Впиваясь ногтями в его плечо, облизываю губы, призывая открыть их для меня. Из него вырывается хриплый звук, и между моих ног разливается жар, когда он открывает рот и кончиком языка проводит по моим губам... прежде чем отстраниться.

Несомненно, он задается вопросом, почему девушка, которую нашел на своем балконе — та, которая утверждала, что живет в его доме, а минуту назад угрожала вызвать полицию, — поцеловала его.

О, Боже. Он, должно быть, считает меня психопаткой.

Смущенная, вытираю рот: — Мне очень жаль. Не знаю, зачем я это сделала, — начинаю слезать с него, но рука ложится на поясницу, удерживая меня на месте.

— Да, ты знаешь.

Качаю головой, но он удерживает мой взгляд, умоляя сказать правду.
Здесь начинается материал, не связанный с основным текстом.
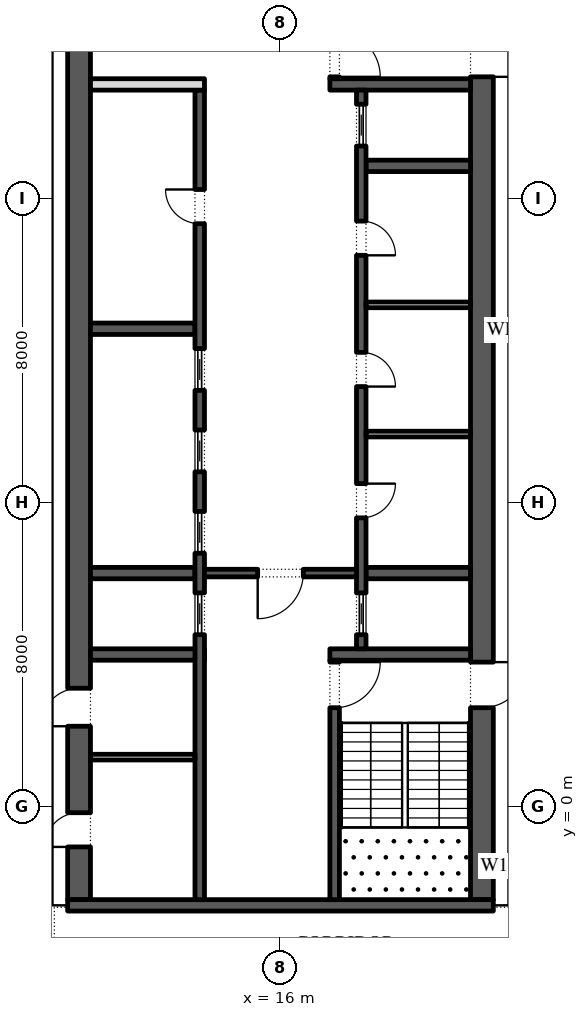
"""IFC4 building model, lengths in metres.
Left out: names, types, materials, properties, quantities, classifications, styles, units other than length and angle.
Written with IfcOpenShell. Run it as: python <this file> out.ifc"""

import sys

from ifc_helpers import new_model, si_unit, direction, frame, frame_2d, origin, place, context, subcontext, project, spatial, rectangle, extrude, element, fill, save


model = new_model("IFC4")
c1 = context("Model", 3, precision=1e-05, world=origin(), true_north=direction((0.0, 1.0)))
c2 = subcontext(c1, "Body", "Model", "MODEL_VIEW")
j1 = project(units=[si_unit("LENGTHUNIT", "METRE"), si_unit("PLANEANGLEUNIT", "RADIAN")], contexts=[c1])
p1 = place(None, origin())
s1 = spatial("IfcSite", under=j1, at=p1, CompositionType="ELEMENT")
p2 = place(p1, origin())
s2 = spatial("IfcBuilding", under=s1, at=p2, CompositionType="ELEMENT")
p3 = place(p2, frame((0.0, 0.0, 264.0)))
s3 = spatial("IfcBuildingStorey", under=s2, at=p3, CompositionType="ELEMENT", Elevation=264.0)
p4 = place(p3, frame((21.359, -11.678, 0.0), z_axis=(0.0, 0.0, 1.0), x_axis=(0.224949198343, 0.974370493275, 0.0)))
e1 = element("IfcWall", 1, at=p4, inside=s3, PredefinedType="STANDARD", context=c2, shape_type="SweptSolid", body=[
    extrude(rectangle(XDim=49.5, YDim=0.3, at=frame_2d((24.75, 0.0))), origin(), (0.0, 0.0, 1.0), 4.0),
])
p5 = place(p4, frame((1.157, 0.0, 0.45)))
e2 = element("IfcOpeningElement", 2, at=p5, cuts=e1, PredefinedType="OPENING", context=c2, shape_type="SweptSolid", body=[
    extrude(rectangle(XDim=4.5, YDim=3.05, at=frame_2d((2.25, 1.525))), frame((0.0, 0.16, 0.0), z_axis=(0.0, -1.0, 0.0), x_axis=(1.0, 0.0, 0.0)), (0.0, 0.0, 1.0), 0.32),
])
p6 = place(p4, frame((8.121, 0.0, 0.45)))
e3 = element("IfcOpeningElement", 3, at=p6, cuts=e1, PredefinedType="OPENING", context=c2, shape_type="SweptSolid", body=[
    extrude(rectangle(XDim=4.5, YDim=3.05, at=frame_2d((2.25, 1.525))), frame((0.0, 0.16, 0.0), z_axis=(0.0, -1.0, 0.0), x_axis=(1.0, 0.0, 0.0)), (0.0, 0.0, 1.0), 0.32),
])
p7 = place(p4, frame((15.236, 0.0, 0.45)))
e4 = element("IfcOpeningElement", 4, at=p7, cuts=e1, PredefinedType="OPENING", context=c2, shape_type="SweptSolid", body=[
    extrude(rectangle(XDim=4.5, YDim=3.05, at=frame_2d((2.25, 1.525))), frame((0.0, 0.16, 0.0), z_axis=(0.0, -1.0, 0.0), x_axis=(1.0, 0.0, 0.0)), (0.0, 0.0, 1.0), 0.32),
])
p8 = place(p4, frame((22.35, 0.0, 0.45)))
e5 = element("IfcOpeningElement", 5, at=p8, cuts=e1, PredefinedType="OPENING", context=c2, shape_type="SweptSolid", body=[
    extrude(rectangle(XDim=4.5, YDim=3.05, at=frame_2d((2.25, 1.525))), frame((0.0, 0.16, 0.0), z_axis=(0.0, -1.0, 0.0), x_axis=(1.0, 0.0, 0.0)), (0.0, 0.0, 1.0), 0.32),
])
p9 = place(p4, frame((29.464, 0.0, 0.45)))
e6 = element("IfcOpeningElement", 6, at=p9, cuts=e1, PredefinedType="OPENING", context=c2, shape_type="SweptSolid", body=[
    extrude(rectangle(XDim=4.5, YDim=2.95, at=frame_2d((2.25, 1.475))), frame((0.0, 0.16, 0.0), z_axis=(0.0, -1.0, 0.0), x_axis=(1.0, 0.0, 0.0)), (0.0, 0.0, 1.0), 0.32),
])
p10 = place(p4, frame((37.628, 0.0, 0.0)))
e7 = element("IfcOpeningElement", 7, at=p10, cuts=e1, PredefinedType="OPENING", context=c2, shape_type="SweptSolid", body=[
    extrude(rectangle(XDim=2.4, YDim=3.325, at=frame_2d((1.2, 1.663))), frame((0.0, 0.16, 0.0), z_axis=(0.0, -1.0, 0.0), x_axis=(1.0, 0.0, 0.0)), (0.0, 0.0, 1.0), 0.32),
])
p11 = place(p4, frame((43.693, 0.0, 0.45)))
e8 = element("IfcOpeningElement", 8, at=p11, cuts=e1, PredefinedType="OPENING", context=c2, shape_type="SweptSolid", body=[
    extrude(rectangle(XDim=4.5, YDim=3.05, at=frame_2d((2.25, 1.525))), frame((0.0, 0.16, 0.0), z_axis=(0.0, -1.0, 0.0), x_axis=(1.0, 0.0, 0.0)), (0.0, 0.0, 1.0), 0.32),
])
p12 = place(p3, frame((21.3, -2.45, 0.0), z_axis=(0.0, 0.0, 1.0), x_axis=(0.0, 1.0, 0.0)))
e9 = element("IfcWall", 9, at=p12, inside=s3, PredefinedType="SHEAR", context=c2, shape_type="SweptSolid", body=[
    extrude(rectangle(XDim=27.9, YDim=0.6, at=frame_2d((13.95, 0.0))), origin(), (0.0, 0.0, 1.0), 4.0),
])
p13 = place(p12, frame((5.05, 0.0, 0.0)))
e10 = element("IfcOpeningElement", 10, at=p13, cuts=e9, PredefinedType="OPENING", context=c2, shape_type="SweptSolid", body=[
    extrude(rectangle(XDim=1.2, YDim=2.1, at=frame_2d((0.6, 1.05))), frame((0.0, 0.31, 0.0), z_axis=(0.0, -1.0, 0.0), x_axis=(1.0, 0.0, 0.0)), (0.0, 0.0, 1.0), 0.62),
])
p14 = place(p12, frame((21.65, 0.0, 0.0)))
e11 = element("IfcOpeningElement", 11, at=p14, cuts=e9, PredefinedType="OPENING", context=c2, shape_type="SweptSolid", body=[
    extrude(rectangle(XDim=1.2, YDim=2.1, at=frame_2d((0.6, 1.05))), frame((0.0, 0.31, 0.0), z_axis=(0.0, -1.0, 0.0), x_axis=(1.0, 0.0, 0.0)), (0.0, 0.0, 1.0), 0.62),
])
p15 = place(p3, frame((10.7, -2.45, 0.0), z_axis=(0.0, 0.0, 1.0), x_axis=(0.0, 1.0, 0.0)))
e12 = element("IfcWall", 12, at=p15, inside=s3, PredefinedType="SHEAR", context=c2, shape_type="SweptSolid", body=[
    extrude(rectangle(XDim=27.9, YDim=0.6, at=frame_2d((13.95, 0.0))), origin(), (0.0, 0.0, 1.0), 4.0),
])
p16 = place(p15, frame((23.65, 0.0, 0.0)))
e13 = element("IfcOpeningElement", 13, at=p16, cuts=e12, PredefinedType="OPENING", context=c2, shape_type="SweptSolid", body=[
    extrude(rectangle(XDim=2.4, YDim=2.1, at=frame_2d((1.2, 1.05))), frame((0.0, 0.31, 0.0), z_axis=(0.0, -1.0, 0.0), x_axis=(1.0, 0.0, 0.0)), (0.0, 0.0, 1.0), 0.62),
])
p17 = place(p15, frame((1.387, 0.0, 0.0)))
e14 = element("IfcOpeningElement", 14, at=p17, cuts=e12, PredefinedType="OPENING", context=c2, shape_type="SweptSolid", body=[
    extrude(rectangle(XDim=0.9, YDim=2.1, at=frame_2d((0.45, 1.05))), frame((0.0, 0.31, 0.0), z_axis=(0.0, -1.0, 0.0), x_axis=(1.0, 0.0, 0.0)), (0.0, 0.0, 1.0), 0.62),
])
p18 = place(p15, frame((4.562, 0.0, 0.0)))
e15 = element("IfcOpeningElement", 15, at=p18, cuts=e12, PredefinedType="OPENING", context=c2, shape_type="SweptSolid", body=[
    extrude(rectangle(XDim=1.0, YDim=2.1, at=frame_2d((0.5, 1.05))), frame((0.0, 0.31, 0.0), z_axis=(0.0, -1.0, 0.0), x_axis=(1.0, 0.0, 0.0)), (0.0, 0.0, 1.0), 0.62),
])
p19 = place(p3, frame((10.4, -2.6, 0.0), z_axis=(0.0, 0.0, 1.0), x_axis=(1.0, 0.0, 0.0)))
e16 = element("IfcWall", 16, at=p19, inside=s3, PredefinedType="SHEAR", context=c2, shape_type="SweptSolid", body=[
    extrude(rectangle(XDim=11.2, YDim=0.3, at=frame_2d((5.6, 0.0))), origin(), (0.0, 0.0, 1.0), 4.0),
])
p20 = place(p3, frame((17.3, 4.0, 0.0), z_axis=(0.0, 0.0, 1.0), x_axis=(1.0, 0.0, 0.0)))
e17 = element("IfcWall", 17, at=p20, inside=s3, PredefinedType="SHEAR", context=c2, shape_type="SweptSolid", body=[
    extrude(rectangle(XDim=3.7, YDim=0.3, at=frame_2d((1.85, 0.0))), origin(), (0.0, 0.0, 1.0), 4.0),
])
p21 = place(p3, frame((17.425, -2.45, 0.0), z_axis=(0.0, 0.0, 1.0), x_axis=(0.0, 1.0, 0.0)))
e18 = element("IfcWall", 18, at=p21, inside=s3, PredefinedType="SHEAR", context=c2, shape_type="SweptSolid", body=[
    extrude(rectangle(XDim=6.3, YDim=0.25, at=frame_2d((3.15, 0.0))), origin(), (0.0, 0.0, 1.0), 4.0),
])
p22 = place(p21, frame((5.05, 0.0, 0.0)))
e19 = element("IfcOpeningElement", 19, at=p22, cuts=e18, PredefinedType="OPENING", context=c2, shape_type="SweptSolid", body=[
    extrude(rectangle(XDim=1.2, YDim=2.1, at=frame_2d((0.6, 1.05))), frame((0.0, 0.135, 0.0), z_axis=(0.0, -1.0, 0.0), x_axis=(1.0, 0.0, 0.0)), (0.0, 0.0, 1.0), 0.27),
])
p23 = place(p3, frame((17.3, 19.0, 0.0), z_axis=(0.0, 0.0, 1.0), x_axis=(1.0, 0.0, 0.0)))
e20 = element("IfcWall", 20, at=p23, inside=s3, PredefinedType="SHEAR", context=c2, shape_type="SweptSolid", body=[
    extrude(rectangle(XDim=3.7, YDim=0.3, at=frame_2d((1.85, 0.0))), origin(), (0.0, 0.0, 1.0), 4.0),
])
p24 = place(p3, frame((17.425, 19.15, 0.0), z_axis=(0.0, 0.0, 1.0), x_axis=(0.0, 1.0, 0.0)))
e21 = element("IfcWall", 21, at=p24, inside=s3, PredefinedType="SHEAR", context=c2, shape_type="SweptSolid", body=[
    extrude(rectangle(XDim=6.3, YDim=0.25, at=frame_2d((3.15, 0.0))), origin(), (0.0, 0.0, 1.0), 4.0),
])
p25 = place(p24, frame((0.05, 0.0, 0.0)))
e22 = element("IfcOpeningElement", 22, at=p25, cuts=e21, PredefinedType="OPENING", context=c2, shape_type="SweptSolid", body=[
    extrude(rectangle(XDim=1.2, YDim=2.1, at=frame_2d((0.6, 1.05))), frame((0.0, 0.135, 0.0), z_axis=(0.0, -1.0, 0.0), x_axis=(1.0, 0.0, 0.0)), (0.0, 0.0, 1.0), 0.27),
])
for number, where, z_axis, x_axis in (
    (23, (18.25, 6.143, 0.0), (0.0, 0.0, 1.0), (1.0, 0.0, 0.0)),
    (24, (18.25, 16.857, 0.0), (0.0, 0.0, 1.0), (1.0, 0.0, 0.0)),
):
    element("IfcWall", number, at=place(p3, frame(where, z_axis=z_axis, x_axis=x_axis)), inside=s3, PredefinedType="SHEAR", context=c2, shape_type="SweptSolid", body=[
        extrude(rectangle(XDim=2.75, YDim=0.3, at=frame_2d((1.375, 0.0))), origin(), (0.0, 0.0, 1.0), 4.0),
    ])
p26 = place(p3, frame((18.125, 4.15, 0.0), z_axis=(0.0, 0.0, 1.0), x_axis=(0.0, 1.0, 0.0)))
e25 = element("IfcWall", 25, at=p26, inside=s3, PredefinedType="SHEAR", context=c2, shape_type="SweptSolid", body=[
    extrude(rectangle(XDim=14.7, YDim=0.25, at=frame_2d((7.35, 0.0))), origin(), (0.0, 0.0, 1.0), 4.0),
])
p27 = place(p26, frame((3.446, 0.0, 0.0)))
e26 = element("IfcOpeningElement", 26, at=p27, cuts=e25, PredefinedType="OPENING", context=c2, shape_type="SweptSolid", body=[
    extrude(rectangle(XDim=0.9, YDim=2.1, at=frame_2d((0.45, 1.05))), frame((0.0, 0.135, 0.0), z_axis=(0.0, -1.0, 0.0), x_axis=(1.0, 0.0, 0.0)), (0.0, 0.0, 1.0), 0.27),
])
p28 = place(p26, frame((6.9, 0.0, 0.0)))
e27 = element("IfcOpeningElement", 27, at=p28, cuts=e25, PredefinedType="OPENING", context=c2, shape_type="SweptSolid", body=[
    extrude(rectangle(XDim=0.9, YDim=2.1, at=frame_2d((0.45, 1.05))), frame((0.0, 0.135, 0.0), z_axis=(0.0, -1.0, 0.0), x_axis=(1.0, 0.0, 0.0)), (0.0, 0.0, 1.0), 0.27),
])
p29 = place(p26, frame((10.354, 0.0, 0.0)))
e28 = element("IfcOpeningElement", 28, at=p29, cuts=e25, PredefinedType="OPENING", context=c2, shape_type="SweptSolid", body=[
    extrude(rectangle(XDim=0.9, YDim=2.1, at=frame_2d((0.45, 1.05))), frame((0.0, 0.135, 0.0), z_axis=(0.0, -1.0, 0.0), x_axis=(1.0, 0.0, 0.0)), (0.0, 0.0, 1.0), 0.27),
])
p30 = place(p26, frame((0.371, 0.0, 0.0)))
e29 = element("IfcOpeningElement", 29, at=p30, cuts=e25, PredefinedType="OPENING", context=c2, shape_type="SweptSolid", body=[
    extrude(rectangle(XDim=1.1, YDim=2.1, at=frame_2d((0.55, 1.05))), frame((0.0, 0.135, 0.0), z_axis=(0.0, -1.0, 0.0), x_axis=(1.0, 0.0, 0.0)), (0.0, 0.0, 1.0), 0.27),
])
p31 = place(p26, frame((13.229, 0.0, 0.0)))
e30 = element("IfcOpeningElement", 30, at=p31, cuts=e25, PredefinedType="OPENING", context=c2, shape_type="SweptSolid", body=[
    extrude(rectangle(XDim=1.1, YDim=2.1, at=frame_2d((0.55, 1.05))), frame((0.0, 0.135, 0.0), z_axis=(0.0, -1.0, 0.0), x_axis=(1.0, 0.0, 0.0)), (0.0, 0.0, 1.0), 0.27),
])
for number, where, z_axis, x_axis in (
    (31, (18.25, 9.8, 0.0), (0.0, 0.0, 1.0), (1.0, 0.0, 0.0)),
    (32, (18.25, 13.2, 0.0), (0.0, 0.0, 1.0), (1.0, 0.0, 0.0)),
):
    element("IfcWall", number, at=place(p3, frame(where, z_axis=z_axis, x_axis=x_axis)), inside=s3, PredefinedType="PARTITIONING", context=c2, shape_type="SweptSolid", body=[
        extrude(rectangle(XDim=2.75, YDim=0.15, at=frame_2d((1.375, 0.0))), origin(), (0.0, 0.0, 1.0), 4.0),
    ])
p32 = place(p3, frame((11.0, 4.0, 0.0), z_axis=(0.0, 0.0, 1.0), x_axis=(1.0, 0.0, 0.0)))
e33 = element("IfcWall", 33, at=p32, inside=s3, PredefinedType="SHEAR", context=c2, shape_type="SweptSolid", body=[
    extrude(rectangle(XDim=3.0, YDim=0.3, at=frame_2d((1.5, 0.0))), origin(), (0.0, 0.0, 1.0), 4.0),
])
for number, where, z_axis, x_axis in (
    (34, (11.0, 6.143, 0.0), (0.0, 0.0, 1.0), (1.0, 0.0, 0.0)),
    (35, (11.0, 12.571, 0.0), (0.0, 0.0, 1.0), (1.0, 0.0, 0.0)),
):
    element("IfcWall", number, at=place(p3, frame(where, z_axis=z_axis, x_axis=x_axis)), inside=s3, PredefinedType="SHEAR", context=c2, shape_type="SweptSolid", body=[
        extrude(rectangle(XDim=2.75, YDim=0.3, at=frame_2d((1.375, 0.0))), origin(), (0.0, 0.0, 1.0), 4.0),
    ])
p33 = place(p3, frame((13.875, -2.45, 0.0), z_axis=(0.0, 0.0, 1.0), x_axis=(0.0, 1.0, 0.0)))
e36 = element("IfcWall", 36, at=p33, inside=s3, PredefinedType="SHEAR", context=c2, shape_type="SweptSolid", body=[
    extrude(rectangle(XDim=21.3, YDim=0.25, at=frame_2d((10.65, 0.0))), origin(), (0.0, 0.0, 1.0), 4.0),
])
p34 = place(p33, frame((17.786, 0.0, 0.0)))
e37 = element("IfcOpeningElement", 37, at=p34, cuts=e36, PredefinedType="OPENING", context=c2, shape_type="SweptSolid", body=[
    extrude(rectangle(XDim=0.9, YDim=2.1, at=frame_2d((0.45, 1.05))), frame((0.0, 0.135, 0.0), z_axis=(0.0, -1.0, 0.0), x_axis=(1.0, 0.0, 0.0)), (0.0, 0.0, 1.0), 0.27),
])
p35 = place(p33, frame((6.971, 0.0, 0.0)))
e38 = element("IfcOpeningElement", 38, at=p35, cuts=e36, PredefinedType="OPENING", context=c2, shape_type="SweptSolid", body=[
    extrude(rectangle(XDim=1.1, YDim=2.1, at=frame_2d((0.55, 1.05))), frame((0.0, 0.135, 0.0), z_axis=(0.0, -1.0, 0.0), x_axis=(1.0, 0.0, 0.0)), (0.0, 0.0, 1.0), 0.27),
])
p36 = place(p33, frame((9.114, 0.0, 0.0)))
e39 = element("IfcOpeningElement", 39, at=p36, cuts=e36, PredefinedType="OPENING", context=c2, shape_type="SweptSolid", body=[
    extrude(rectangle(XDim=1.1, YDim=2.1, at=frame_2d((0.55, 1.05))), frame((0.0, 0.135, 0.0), z_axis=(0.0, -1.0, 0.0), x_axis=(1.0, 0.0, 0.0)), (0.0, 0.0, 1.0), 0.27),
])
p37 = place(p33, frame((11.257, 0.0, 0.0)))
e40 = element("IfcOpeningElement", 40, at=p37, cuts=e36, PredefinedType="OPENING", context=c2, shape_type="SweptSolid", body=[
    extrude(rectangle(XDim=1.1, YDim=2.1, at=frame_2d((0.55, 1.05))), frame((0.0, 0.135, 0.0), z_axis=(0.0, -1.0, 0.0), x_axis=(1.0, 0.0, 0.0)), (0.0, 0.0, 1.0), 0.27),
])
p38 = place(p33, frame((13.4, 0.0, 0.0)))
e41 = element("IfcOpeningElement", 41, at=p38, cuts=e36, PredefinedType="OPENING", context=c2, shape_type="SweptSolid", body=[
    extrude(rectangle(XDim=1.1, YDim=2.1, at=frame_2d((0.55, 1.05))), frame((0.0, 0.135, 0.0), z_axis=(0.0, -1.0, 0.0), x_axis=(1.0, 0.0, 0.0)), (0.0, 0.0, 1.0), 0.27),
])
p39 = place(p3, frame((11.0, 19.0, 0.0), z_axis=(0.0, 0.0, 1.0), x_axis=(1.0, 0.0, 0.0)))
e42 = element("IfcWall", 42, at=p39, inside=s3, PredefinedType="PARTITIONING", context=c2, shape_type="SweptSolid", body=[
    extrude(rectangle(XDim=3.0, YDim=0.3, at=frame_2d((1.5, 0.0))), origin(), (0.0, 0.0, 1.0), 4.0),
])
p40 = place(p3, frame((14.0, 6.143, 0.0), z_axis=(0.0, 0.0, 1.0), x_axis=(1.0, 0.0, 0.0)))
e43 = element("IfcWall", 43, at=p40, inside=s3, PredefinedType="SHEAR", context=c2, shape_type="SweptSolid", body=[
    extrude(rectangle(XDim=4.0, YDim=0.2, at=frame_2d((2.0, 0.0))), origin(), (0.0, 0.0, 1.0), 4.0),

Я сделала это, чтобы отомстить Каину.

— Я слишком много выпила.

Он проводит большим пальцем вниз по позвоночнику, расстегивая молнию на платье.

— Иден.

— Я не Иден.

Пальцы, скользящие по позвоночнику, сводит судорога.

— Тогда сними маску.

— Нет.

— Жаль, что ты такая упрямая, — свободной рукой он проводит линию от моей шеи до выпуклости груди. — Хорошие девочки получают вознаграждение.

Я бы рассмеялась, если бы не этот пугающий взгляд, который ясно дает понять, что он разорвет любого на части, кто ему перечит.

Черт, может, мне стоит позволить ему. Каин уже разбил мне сердце... он может закончить работу.

— Хорошие девочки, да? — застенчиво улыбаюсь. — Ты явно ничего обо мне не знаешь.

Потому что хороших девочек не называют городскими шлюхами.

Хорошие девушки не влюбляются в отчимов, а затем не соблазняют, как только их матери исчезают из поля зрения.

И уж точно хорошие девушки не начинают извиваться на коленях у незнакомца, чтобы избежать ответов на вопросы.

— Ты права, не знаю, — он долго смотрит на меня, губы кривятся в лукавой усмешке. — Хотя кое-что все-таки знаю.

Не хочу уступать, но любопытство побеждает: — Например?

С бесстрастным лицом он просовывает пальцы под верхнюю часть платья.

— Знаю, что сегодня твой восемнадцатый день рождения.

— Я же говорила тебе...

— Знаю, что твоя мать Карен Уильямс погибла в автокатастрофе в прошлом году.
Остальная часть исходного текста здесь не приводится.